Tuesday, October 18, 2016

EHR systems crucial to Track Zika virus in USA

As the Zika virus outbreak continues to prevail in the continental USA and territories, electronic health records (EHRs) are going to be important to track zika virus within patient populations, in accordance to Laurie Garrett, senior fellow for global health at the Council on Foreign Relations.


“One of the major issues we’ve with Zika is that we do not have great diagnostics, and so we have to be capable to scour for aigns,” Garrett told an audience during Monday’s general session at the AHIMA conference in Baltimore. “We require certain kind of record keeping that keeps track of mobile populations that shift around from place to place.”


That is where EHRs come into play by assisting public health officials and providers recognize sufferers who might be at threat of infection, stated Garrett.


 “We’re already collaborating with our co-workers in CDC, just like we did with the virus of Ebola,” Andrew Gettinger, MD, ONC’s chief medical information officer and executive director of the Office of Clinical Quality and Safety, informed AHIMA conference attendees.


In accordance to Gettinger, the collaboration between ONC and CDC is very powerful, with the health information technology agency actively motivating CDC’s Emergency Operations Center, which is monitoring and coordinating to track Zika virus and its response.


Nevertheless, Garrett added that most individuals with the disease are asymptomatic, and even those with signs probably would not normally go to the doctor and get diagnosed because the signs can be mistaken for the flu. At the similar time, accumulating and sharing travel data in EHRs is crucial for diagnosing and tracking Zika cases.

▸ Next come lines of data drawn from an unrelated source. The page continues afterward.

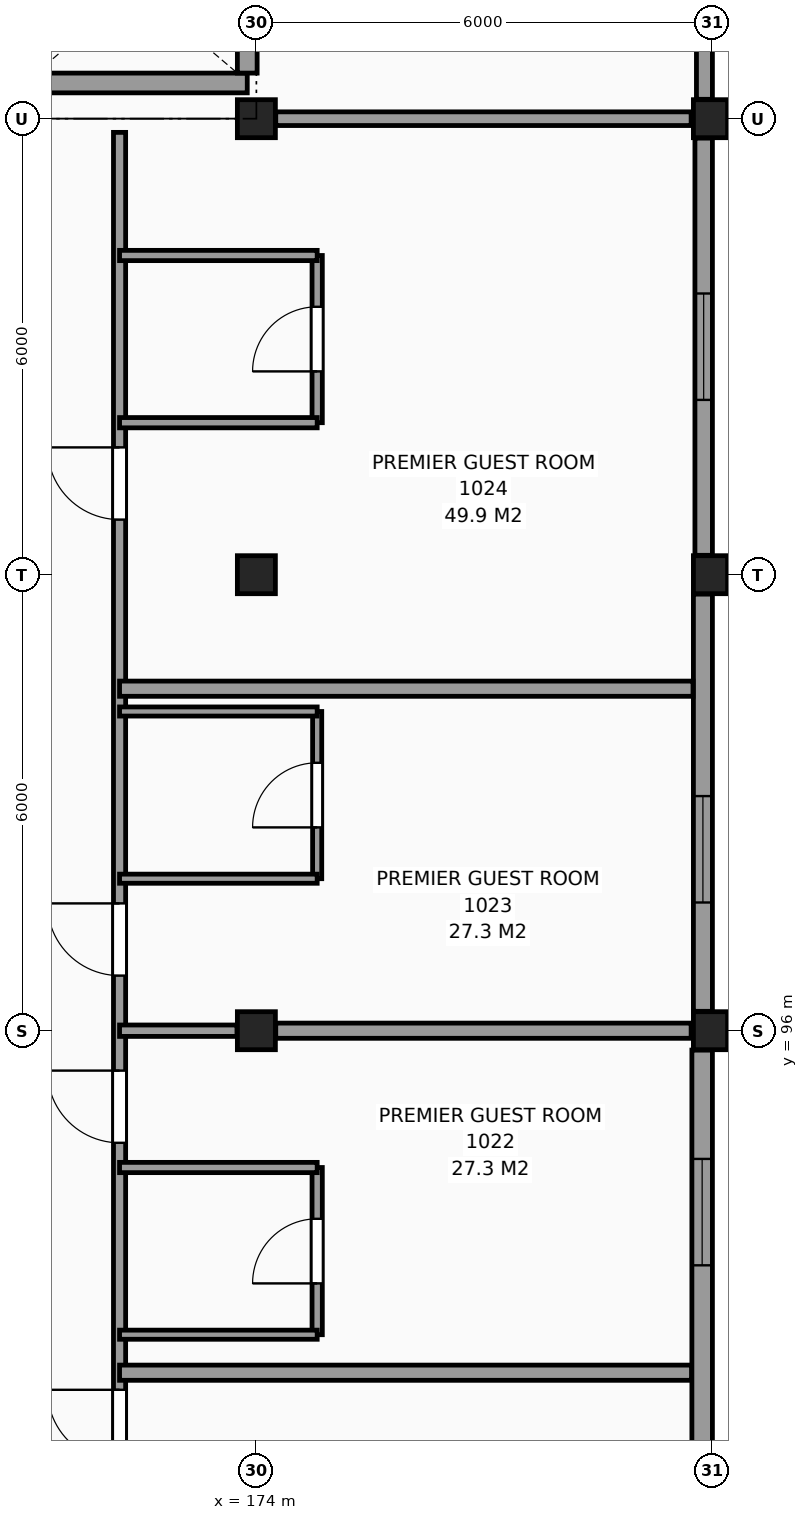
"""IFC4 building model, lengths in metres.
Left out: names, types, materials, properties, quantities, classifications, styles, units other than length and angle.
Written with IfcOpenShell. Run it as: python <this file> out.ifc"""

import sys

from ifc_helpers import new_model, si_unit, direction, frame, frame_2d, origin, origin_2d, place, context, subcontext, project, spatial, rectangle, extrude, element, fill, save


model = new_model("IFC4")
c1 = context("Model", 3, precision=1e-05, world=origin(), true_north=direction((0.0, 1.0)))
c2 = subcontext(c1, "Body", "Model", "MODEL_VIEW")
j1 = project(units=[si_unit("LENGTHUNIT", "METRE"), si_unit("PLANEANGLEUNIT", "RADIAN")], contexts=[c1])
p1 = place(None, origin())
s1 = spatial("IfcSite", under=j1, at=p1, CompositionType="ELEMENT")
p2 = place(p1, origin())
s2 = spatial("IfcBuilding", under=s1, at=p2, CompositionType="ELEMENT")
p3 = place(p2, frame((0.0, 0.0, 41.4)))
s3 = spatial("IfcBuildingStorey", under=s2, at=p3, CompositionType="ELEMENT", Elevation=41.4)
for number, where, z_axis, x_axis in (
    (1, (174.0, 96.0, 0.0), (0.0, 0.0, 1.0), (1.0, 0.0, 0.0)),
    (2, (174.0, 102.0, 0.0), (0.0, 0.0, 1.0), (1.0, 0.0, 0.0)),
    (3, (174.0, 108.0, 0.0), (0.0, 0.0, 1.0), (1.0, 0.0, 0.0)),
    (4, (180.0, 96.0, 0.0), (0.0, 0.0, 1.0), (1.0, 0.0, 0.0)),
    (5, (180.0, 102.0, 0.0), (0.0, 0.0, 1.0), (1.0, 0.0, 0.0)),
    (6, (180.0, 108.0, 0.0), (0.0, 0.0, 1.0), (1.0, 0.0, 0.0)),
):
    element("IfcColumn", number, at=place(p3, frame(where, z_axis=z_axis, x_axis=x_axis)), inside=s3, PredefinedType="COLUMN", context=c2, shape_type="SweptSolid", body=[
        extrude(rectangle(XDim=0.5, YDim=0.5, at=origin_2d()), origin(), (0.0, 0.0, 1.0), 3.3),
    ])
p4 = place(p3, frame((179.865, 90.255, 0.0), z_axis=(0.0, 0.0, 1.0), x_axis=(0.0, 1.0, 0.0)))
e7 = element("IfcWall", 7, at=p4, inside=s3, PredefinedType="SOLIDWALL", context=c2, shape_type="SweptSolid", body=[
    extrude(rectangle(XDim=5.49, YDim=0.27, at=frame_2d((2.745, 0.0))), origin(), (0.0, 0.0, 1.0), 2.41),
])
p5 = place(p4, frame((2.658, 0.0, 0.8)))
e8 = element("IfcOpeningElement", 8, at=p5, cuts=e7, PredefinedType="OPENING", context=c2, shape_type="SweptSolid", body=[
    extrude(rectangle(XDim=1.4, YDim=1.4, at=frame_2d((0.7, 0.7))), frame((0.0, 0.145, 0.0), z_axis=(0.0, -1.0, 0.0), x_axis=(1.0, 0.0, 0.0)), (0.0, 0.0, 1.0), 0.29),
])
p6 = place(p3, frame((179.875, 96.255, 0.0), z_axis=(0.0, 0.0, 1.0), x_axis=(0.0, 1.0, 0.0)))
e9 = element("IfcWall", 9, at=p6, inside=s3, PredefinedType="SOLIDWALL", context=c2, shape_type="SweptSolid", body=[
    extrude(rectangle(XDim=5.49, YDim=0.25, at=frame_2d((2.745, 0.0))), origin(), (0.0, 0.0, 1.0), 2.41),
])
p7 = place(p6, frame((1.432, 0.0, 0.8)))
e10 = element("IfcOpeningElement", 10, at=p7, cuts=e9, PredefinedType="OPENING", context=c2, shape_type="SweptSolid", body=[
    extrude(rectangle(XDim=1.4, YDim=1.4, at=frame_2d((0.7, 0.7))), frame((0.0, 0.135, 0.0), z_axis=(0.0, -1.0, 0.0), x_axis=(1.0, 0.0, 0.0)), (0.0, 0.0, 1.0), 0.27),
])
p8 = place(p3, frame((179.885, 102.255, 0.0), z_axis=(0.0, 0.0, 1.0), x_axis=(0.0, 1.0, 0.0)))
e11 = element("IfcWall", 11, at=p8, inside=s3, PredefinedType="SOLIDWALL", context=c2, shape_type="SweptSolid", body=[
    extrude(rectangle(XDim=5.49, YDim=0.23, at=frame_2d((2.745, 0.0))), origin(), (0.0, 0.0, 1.0), 2.41),
])
p9 = place(p8, frame((2.045, 0.0, 0.8)))
e12 = element("IfcOpeningElement", 12, at=p9, cuts=e11, PredefinedType="OPENING", context=c2, shape_type="SweptSolid", body=[
    extrude(rectangle(XDim=1.4, YDim=1.4, at=frame_2d((0.7, 0.7))), frame((0.0, 0.125, 0.0), z_axis=(0.0, -1.0, 0.0), x_axis=(1.0, 0.0, 0.0)), (0.0, 0.0, 1.0), 0.25),
])
p10 = place(p3, frame((179.895, 108.255, 0.0), z_axis=(0.0, 0.0, 1.0), x_axis=(0.0, 1.0, 0.0)))
e13 = element("IfcWall", 13, at=p10, inside=s3, PredefinedType="SOLIDWALL", context=c2, shape_type="SweptSolid", body=[
    extrude(rectangle(XDim=5.49, YDim=0.21, at=frame_2d((2.745, 0.0))), origin(), (0.0, 0.0, 1.0), 2.41),
])
p11 = place(p3, frame((170.97, 108.47, 0.0), z_axis=(0.0, 0.0, 1.0), x_axis=(1.0, 0.0, 0.0)))
e14 = element("IfcWall", 14, at=p11, inside=s3, PredefinedType="SHEAR", context=c2, shape_type="SweptSolid", body=[
    extrude(rectangle(XDim=2.91, YDim=0.26, at=frame_2d((1.455, 0.0))), origin(), (0.0, 0.0, 1.0), 3.3),
])
p12 = place(p3, frame((173.88, 108.6, 0.0), z_axis=(0.0, 0.0, 1.0), x_axis=(0.0, 1.0, 0.0)))
e15 = element("IfcWall", 15, at=p12, inside=s3, PredefinedType="SHEAR", context=c2, shape_type="SweptSolid", body=[
    extrude(rectangle(XDim=2.25, YDim=0.26, at=frame_2d((1.125, 0.0))), origin(), (0.0, 0.0, 1.0), 3.3),
])
p13 = place(p3, frame((172.2, 42.275, 0.0), z_axis=(0.0, 0.0, 1.0), x_axis=(0.0, 1.0, 0.0)))
e16 = element("IfcWall", 16, at=p13, inside=s3, PredefinedType="PARTITIONING", context=c2, shape_type="SweptSolid", body=[
    extrude(rectangle(XDim=65.545, YDim=0.16, at=frame_2d((32.772, 0.0))), origin(), (0.0, 0.0, 1.0), 3.06),
])
p14 = place(p13, frame((0.4, 0.0, 0.0)))
e17 = element("IfcOpeningElement", 17, at=p14, cuts=e16, PredefinedType="OPENING", context=c2, shape_type="SweptSolid", body=[
    extrude(rectangle(XDim=0.95, YDim=2.1, at=frame_2d((0.475, 1.05))), frame((0.0, 0.09, 0.0), z_axis=(0.0, -1.0, 0.0), x_axis=(1.0, 0.0, 0.0)), (0.0, 0.0, 1.0), 0.18),
])
p15 = place(p13, frame((4.85, 0.0, 0.0)))
e18 = element("IfcOpeningElement", 18, at=p15, cuts=e16, PredefinedType="OPENING", context=c2, shape_type="SweptSolid", body=[
    extrude(rectangle(XDim=0.95, YDim=2.1, at=frame_2d((0.475, 1.05))), frame((0.0, 0.09, 0.0), z_axis=(0.0, -1.0, 0.0), x_axis=(1.0, 0.0, 0.0)), (0.0, 0.0, 1.0), 0.18),
])
p16 = place(p13, frame((9.35, 0.0, 0.0)))
e19 = element("IfcOpeningElement", 19, at=p16, cuts=e16, PredefinedType="OPENING", context=c2, shape_type="SweptSolid", body=[
    extrude(rectangle(XDim=0.95, YDim=2.1, at=frame_2d((0.475, 1.05))), frame((0.0, 0.09, 0.0), z_axis=(0.0, -1.0, 0.0), x_axis=(1.0, 0.0, 0.0)), (0.0, 0.0, 1.0), 0.18),
])
p17 = place(p13, frame((18.45, 0.0, 0.0)))
e20 = element("IfcOpeningElement", 20, at=p17, cuts=e16, PredefinedType="OPENING", context=c2, shape_type="SweptSolid", body=[
    extrude(rectangle(XDim=0.95, YDim=2.1, at=frame_2d((0.475, 1.05))), frame((0.0, 0.09, 0.0), z_axis=(0.0, -1.0, 0.0), x_axis=(1.0, 0.0, 0.0)), (0.0, 0.0, 1.0), 0.18),
])
p18 = place(p13, frame((22.85, 0.0, 0.0)))
e21 = element("IfcOpeningElement", 21, at=p18, cuts=e16, PredefinedType="OPENING", context=c2, shape_type="SweptSolid", body=[
    extrude(rectangle(XDim=0.95, YDim=2.1, at=frame_2d((0.475, 1.05))), frame((0.0, 0.09, 0.0), z_axis=(0.0, -1.0, 0.0), x_axis=(1.0, 0.0, 0.0)), (0.0, 0.0, 1.0), 0.18),
])
p19 = place(p13, frame((30.05, 0.0, 0.0)))
e22 = element("IfcOpeningElement", 22, at=p19, cuts=e16, PredefinedType="OPENING", context=c2, shape_type="SweptSolid", body=[
    extrude(rectangle(XDim=0.95, YDim=2.1, at=frame_2d((0.475, 1.05))), frame((0.0, 0.09, 0.0), z_axis=(0.0, -1.0, 0.0), x_axis=(1.0, 0.0, 0.0)), (0.0, 0.0, 1.0), 0.18),
])
p20 = place(p13, frame((38.3, 0.0, 0.0)))
e23 = element("IfcOpeningElement", 23, at=p20, cuts=e16, PredefinedType="OPENING", context=c2, shape_type="SweptSolid", body=[
    extrude(rectangle(XDim=0.95, YDim=2.1, at=frame_2d((0.475, 1.05))), frame((0.0, 0.09, 0.0), z_axis=(0.0, -1.0, 0.0), x_axis=(1.0, 0.0, 0.0)), (0.0, 0.0, 1.0), 0.18),
])
p21 = place(p13, frame((40.85, 0.0, 0.0)))
e24 = element("IfcOpeningElement", 24, at=p21, cuts=e16, PredefinedType="OPENING", context=c2, shape_type="SweptSolid", body=[
    extrude(rectangle(XDim=0.95, YDim=2.1, at=frame_2d((0.475, 1.05))), frame((0.0, 0.09, 0.0), z_axis=(0.0, -1.0, 0.0), x_axis=(1.0, 0.0, 0.0)), (0.0, 0.0, 1.0), 0.18),
])
p22 = place(p13, frame((48.05, 0.0, 0.0)))
e25 = element("IfcOpeningElement", 25, at=p22, cuts=e16, PredefinedType="OPENING", context=c2, shape_type="SweptSolid", body=[
    extrude(rectangle(XDim=0.95, YDim=2.1, at=frame_2d((0.475, 1.05))), frame((0.0, 0.09, 0.0), z_axis=(0.0, -1.0, 0.0), x_axis=(1.0, 0.0, 0.0)), (0.0, 0.0, 1.0), 0.18),
])
p23 = place(p13, frame((52.25, 0.0, 0.0)))
e26 = element("IfcOpeningElement", 26, at=p23, cuts=e16, PredefinedType="OPENING", context=c2, shape_type="SweptSolid", body=[
    extrude(rectangle(XDim=0.95, YDim=2.1, at=frame_2d((0.475, 1.05))), frame((0.0, 0.09, 0.0), z_axis=(0.0, -1.0, 0.0), x_axis=(1.0, 0.0, 0.0)), (0.0, 0.0, 1.0), 0.18),
])
p24 = place(p13, frame((54.45, 0.0, 0.0)))
e27 = element("IfcOpeningElement", 27, at=p24, cuts=e16, PredefinedType="OPENING", context=c2, shape_type="SweptSolid", body=[
    extrude(rectangle(XDim=0.95, YDim=2.1, at=frame_2d((0.475, 1.05))), frame((0.0, 0.09, 0.0), z_axis=(0.0, -1.0, 0.0), x_axis=(1.0, 0.0, 0.0)), (0.0, 0.0, 1.0), 0.18),
])
p25 = place(p13, frame((60.45, 0.0, 0.0)))
e28 = element("IfcOpeningElement", 28, at=p25, cuts=e16, PredefinedType="OPENING", context=c2, shape_type="SweptSolid", body=[
    extrude(rectangle(XDim=0.95, YDim=2.1, at=frame_2d((0.475, 1.05))), frame((0.0, 0.09, 0.0), z_axis=(0.0, -1.0, 0.0), x_axis=(1.0, 0.0, 0.0)), (0.0, 0.0, 1.0), 0.18),
])
p26 = place(p3, frame((174.8, 92.0, 0.0), z_axis=(0.0, 0.0, 1.0), x_axis=(0.0, 1.0, 0.0)))
e29 = element("IfcWall", 29, at=p26, inside=s3, PredefinedType="PARTITIONING", context=c2, shape_type="SweptSolid", body=[
    extrude(rectangle(XDim=2.2, YDim=0.135, at=frame_2d((1.1, 0.0))), origin(), (0.0, 0.0, 1.0), 3.06),
])
p27 = place(p26, frame((0.675, 0.0, 0.0)))
e30 = element("IfcOpeningElement", 30, at=p27, cuts=e29, PredefinedType="OPENING", context=c2, shape_type="SweptSolid", body=[
    extrude(rectangle(XDim=0.85, YDim=2.1, at=frame_2d((0.425, 1.05))), frame((0.0, 0.078, 0.0), z_axis=(0.0, -1.0, 0.0), x_axis=(1.0, 0.0, 0.0)), (0.0, 0.0, 1.0), 0.155),
])
p28 = place(p3, frame((174.8, 98.0, 0.0), z_axis=(0.0, 0.0, 1.0), x_axis=(0.0, 1.0, 0.0)))
e31 = element("IfcWall", 31, at=p28, inside=s3, PredefinedType="PARTITIONING", context=c2, shape_type="SweptSolid", body=[
    extrude(rectangle(XDim=2.2, YDim=0.12, at=frame_2d((1.1, 0.0))), origin(), (0.0, 0.0, 1.0), 3.06),
])
p29 = place(p28, frame((0.675, 0.0, 0.0)))
e32 = element("IfcOpeningElement", 32, at=p29, cuts=e31, PredefinedType="OPENING", context=c2, shape_type="SweptSolid", body=[
    extrude(rectangle(XDim=0.85, YDim=2.1, at=frame_2d((0.425, 1.05))), frame((0.0, 0.07, 0.0), z_axis=(0.0, -1.0, 0.0), x_axis=(1.0, 0.0, 0.0)), (0.0, 0.0, 1.0), 0.14),
])
p30 = place(p3, frame((174.8, 104.0, 0.0), z_axis=(0.0, 0.0, 1.0), x_axis=(0.0, 1.0, 0.0)))
e33 = element("IfcWall", 33, at=p30, inside=s3, PredefinedType="PARTITIONING", context=c2, shape_type="SweptSolid", body=[
    extrude(rectangle(XDim=2.2, YDim=0.135, at=frame_2d((1.1, 0.0))), origin(), (0.0, 0.0, 1.0), 3.06),
])
p31 = place(p30, frame((0.675, 0.0, 0.0)))
e34 = element("IfcOpeningElement", 34, at=p31, cuts=e33, PredefinedType="OPENING", context=c2, shape_type="SweptSolid", body=[
    extrude(rectangle(XDim=0.85, YDim=2.1, at=frame_2d((0.425, 1.05))), frame((0.0, 0.078, 0.0), z_axis=(0.0, -1.0, 0.0), x_axis=(1.0, 0.0, 0.0)), (0.0, 0.0, 1.0), 0.155),
])
p32 = place(p3, frame((172.2, 91.5, 0.0), z_axis=(0.0, 0.0, 1.0), x_axis=(1.0, 0.0, 0.0)))
e35 = element("IfcWall", 35, at=p32, inside=s3, PredefinedType="PARTITIONING", context=c2, shape_type="SweptSolid", body=[
    extrude(rectangle(XDim=7.525, YDim=0.2, at=frame_2d((3.763, 0.0))), origin(), (0.0, 0.0, 1.0), 3.06),
])
p33 = place(p3, frame((172.2, 92.0, 0.0), z_axis=(0.0, 0.0, 1.0), x_axis=(1.0, 0.0, 0.0)))
e36 = element("IfcWall", 36, at=p33, inside=s3, PredefinedType="PARTITIONING", context=c2, shape_type="SweptSolid", body=[
    extrude(rectangle(XDim=2.6, YDim=0.12, at=frame_2d((1.3, 0.0))), origin(), (0.0, 0.0, 1.0), 3.06),
])
p34 = place(p3, frame((172.2, 94.2, 0.0), z_axis=(0.0, 0.0, 1.0), x_axis=(1.0, 0.0, 0.0)))
e37 = element("IfcWall", 37, at=p34, inside=s3, PredefinedType="PARTITIONING", context=c2, shape_type="SweptSolid", body=[
    extrude(rectangle(XDim=2.6, YDim=0.135, at=frame_2d((1.3, 0.0))), origin(), (0.0, 0.0, 1.0), 3.06),
])
p35 = place(p3, frame((172.2, 96.0, 0.0), z_axis=(0.0, 0.0, 1.0), x_axis=(1.0, 0.0, 0.0)))
e38 = element("IfcWall", 38, at=p35, inside=s3, PredefinedType="PARTITIONING", context=c2, shape_type="SweptSolid", body=[
    extrude(rectangle(XDim=1.545, YDim=0.15, at=frame_2d((0.772, 0.0))), origin(), (0.0, 0.0, 1.0), 2.77),
])
p36 = place(p3, frame((174.255, 96.0, 0.0), z_axis=(0.0, 0.0, 1.0), x_axis=(1.0, 0.0, 0.0)))
e39 = element("IfcWall", 39, at=p36, inside=s3, PredefinedType="PARTITIONING", context=c2, shape_type="SweptSolid", body=[
    extrude(rectangle(XDim=5.465, YDim=0.2, at=frame_2d((2.732, 0.0))), origin(), (0.0, 0.0, 1.0), 2.26),
])
for number, where, z_axis, x_axis in (
    (40, (172.2, 98.0, 0.0), (0.0, 0.0, 1.0), (1.0, 0.0, 0.0)),
    (41, (172.2, 100.2, 0.0), (0.0, 0.0, 1.0), (1.0, 0.0, 0.0)),
):
    element("IfcWall", number, at=place(p3, frame(where, z_axis=z_axis, x_axis=x_axis)), inside=s3, PredefinedType="PARTITIONING", context=c2, shape_type="SweptSolid", body=[
        extrude(rectangle(XDim=2.6, YDim=0.12, at=frame_2d((1.3, 0.0))), origin(), (0.0, 0.0, 1.0), 3.06),
    ])
p37 = place(p3, frame((172.2, 100.5, 0.0), z_axis=(0.0, 0.0, 1.0), x_axis=(1.0, 0.0, 0.0)))
e42 = element("IfcWall", 42, at=p37, inside=s3, PredefinedType="PARTITIONING", context=c2, shape_type="SweptSolid", body=[
    extrude(rectangle(XDim=7.545, YDim=0.2, at=frame_2d((3.772, 0.0))), origin(), (0.0, 0.0, 1.0), 3.06),
])
for number, where, z_axis, x_axis in (
    (43, (172.2, 104.0, 0.0), (0.0, 0.0, 1.0), (1.0, 0.0, 0.0)),
    (44, (172.2, 106.2, 0.0), (0.0, 0.0, 1.0), (1.0, 0.0, 0.0)),
):
    element("IfcWall", number, at=place(p3, frame(where, z_axis=z_axis, x_axis=x_axis)), inside=s3, PredefinedType="PARTITIONING", context=c2, shape_type="SweptSolid", body=[
        extrude(rectangle(XDim=2.6, YDim=0.135, at=frame_2d((1.3, 0.0))), origin(), (0.0, 0.0, 1.0), 3.06),
    ])
p38 = place(p3, frame((174.255, 108.0, 0.0), z_axis=(0.0, 0.0, 1.0), x_axis=(1.0, 0.0, 0.0)))
e45 = element("IfcWall", 45, at=p38, inside=s3, PredefinedType="PARTITIONING", context=c2, shape_type="SweptSolid", body=[
    extrude(rectangle(XDim=5.465, YDim=0.18, at=frame_2d((2.732, 0.0))), origin(), (0.0, 0.0, 1.0), 2.26),
])
p39 = place(p5, origin())
e46 = element("IfcWindow", 46, at=p39, inside=s3, PartitioningType="SINGLE_PANEL", PredefinedType="WINDOW", context=c2, shape_type="SweptSolid", body=[
    extrude(rectangle(XDim=1.4, YDim=1.4, at=frame_2d((0.7, 0.7))), frame((0.0, 0.03, 0.0), z_axis=(0.0, -1.0, 0.0), x_axis=(1.0, 0.0, 0.0)), (0.0, 0.0, 1.0), 0.06),
])
fill(e8, e46)
p40 = place(p7, origin())
e47 = element("IfcWindow", 47, at=p40, inside=s3, PartitioningType="SINGLE_PANEL", PredefinedType="WINDOW", context=c2, shape_type="SweptSolid", body=[
    extrude(rectangle(XDim=1.4, YDim=1.4, at=frame_2d((0.7, 0.7))), frame((0.0, 0.03, 0.0), z_axis=(0.0, -1.0, 0.0), x_axis=(1.0, 0.0, 0.0)), (0.0, 0.0, 1.0), 0.06),
])
fill(e10, e47)
p41 = place(p9, origin())
e48 = element("IfcWindow", 48, at=p41, inside=s3, PartitioningType="SINGLE_PANEL", PredefinedType="WINDOW", context=c2, shape_type="SweptSolid", body=[
    extrude(rectangle(XDim=1.4, YDim=1.4, at=frame_2d((0.7, 0.7))), frame((0.0, 0.03, 0.0), z_axis=(0.0, -1.0, 0.0), x_axis=(1.0, 0.0, 0.0)), (0.0, 0.0, 1.0), 0.06),
])
fill(e12, e48)
p42 = place(p22, origin())
e49 = element("IfcDoor", 49, at=p42, inside=s3, OperationType="SINGLE_SWING_RIGHT", PredefinedType="DOOR", context=c2, shape_type="SweptSolid", body=[
    extrude(rectangle(XDim=0.95, YDim=2.1, at=frame_2d((0.475, 1.05))), frame((0.0, 0.025, 0.0), z_axis=(0.0, -1.0, 0.0), x_axis=(1.0, 0.0, 0.0)), (0.0, 0.0, 1.0), 0.05),
])
fill(e25, e49)
p43 = place(p27, origin())
e50 = element("IfcDoor", 50, at=p43, inside=s3, OperationType="SINGLE_SWING_LEFT", PredefinedType="DOOR", context=c2, shape_type="SweptSolid", body=[
    extrude(rectangle(XDim=0.85, YDim=2.1, at=frame_2d((0.425, 1.05))), frame((0.0, 0.025, 0.0), z_axis=(0.0, -1.0, 0.0), x_axis=(1.0, 0.0, 0.0)), (0.0, 0.0, 1.0), 0.05),
])
fill(e30, e50)
p44 = place(p23, origin())
e51 = element("IfcDoor", 51, at=p44, inside=s3, OperationType="SINGLE_SWING_RIGHT", PredefinedType="DOOR", context=c2, shape_type="SweptSolid", body=[
    extrude(rectangle(XDim=0.95, YDim=2.1, at=frame_2d((0.475, 1.05))), frame((0.0, 0.025, 0.0), z_axis=(0.0, -1.0, 0.0), x_axis=(1.0, 0.0, 0.0)), (0.0, 0.0, 1.0), 0.05),
])
fill(e26, e51)
p45 = place(p29, origin())
e52 = element("IfcDoor", 52, at=p45, inside=s3, OperationType="SINGLE_SWING_LEFT", PredefinedType="DOOR", context=c2, shape_type="SweptSolid", body=[
    extrude(rectangle(XDim=0.85, YDim=2.1, at=frame_2d((0.425, 1.05))), frame((0.0, 0.025, 0.0), z_axis=(0.0, -1.0, 0.0), x_axis=(1.0, 0.0, 0.0)), (0.0, 0.0, 1.0), 0.05),
])
fill(e32, e52)
p46 = place(p24, origin())
e53 = element("IfcDoor", 53, at=p46, inside=s3, OperationType="SINGLE_SWING_RIGHT", PredefinedType="DOOR", context=c2, shape_type="SweptSolid", body=[
    extrude(rectangle(XDim=0.95, YDim=2.1, at=frame_2d((0.475, 1.05))), frame((0.0, 0.025, 0.0), z_axis=(0.0, -1.0, 0.0), x_axis=(1.0, 0.0, 0.0)), (0.0, 0.0, 1.0), 0.05),
])
fill(e27, e53)
p47 = place(p31, origin())
e54 = element("IfcDoor", 54, at=p47, inside=s3, OperationType="SINGLE_SWING_LEFT", PredefinedType="DOOR", context=c2, shape_type="SweptSolid", body=[
    extrude(rectangle(XDim=0.85, YDim=2.1, at=frame_2d((0.425, 1.05))), frame((0.0, 0.025, 0.0), z_axis=(0.0, -1.0, 0.0), x_axis=(1.0, 0.0, 0.0)), (0.0, 0.0, 1.0), 0.05),
])
fill(e34, e54)
p48 = place(p25, origin())
e55 = element("IfcDoor", 55, at=p48, inside=s3, OperationType="SINGLE_SWING_RIGHT", PredefinedType="DOOR", context=c2, shape_type="SweptSolid", body=[
    extrude(rectangle(XDim=0.95, YDim=2.1, at=frame_2d((0.475, 1.05))), frame((0.0, 0.025, 0.0), z_axis=(0.0, -1.0, 0.0), x_axis=(1.0, 0.0, 0.0)), (0.0, 0.0, 1.0), 0.05),
])
fill(e28, e55)
save(model, sys.argv[1])

“We desperately require being capable to track Zika virus and its outcomes of all these infections, and keep in mind we have had thousands of people exposed to Zika living in the United States of America,” she stated, noting that most of these individuals have acquired the virus during international travel. “We require tracking these people and knowing what happens to them.”


Although, Zika is spreading most rapidly in the USA. Territories where 25,955 cases have been reported. Puerto Rico in specific has been ravaged by the virus. In accordance to the CDC, if present trends continue, at least 1 in four people—involving females who become pregnant—might become infected.


Garrett asserts that with Zika in the mosquito populations and spread to more than sixty countries “we’re confronting a long-term challenge.”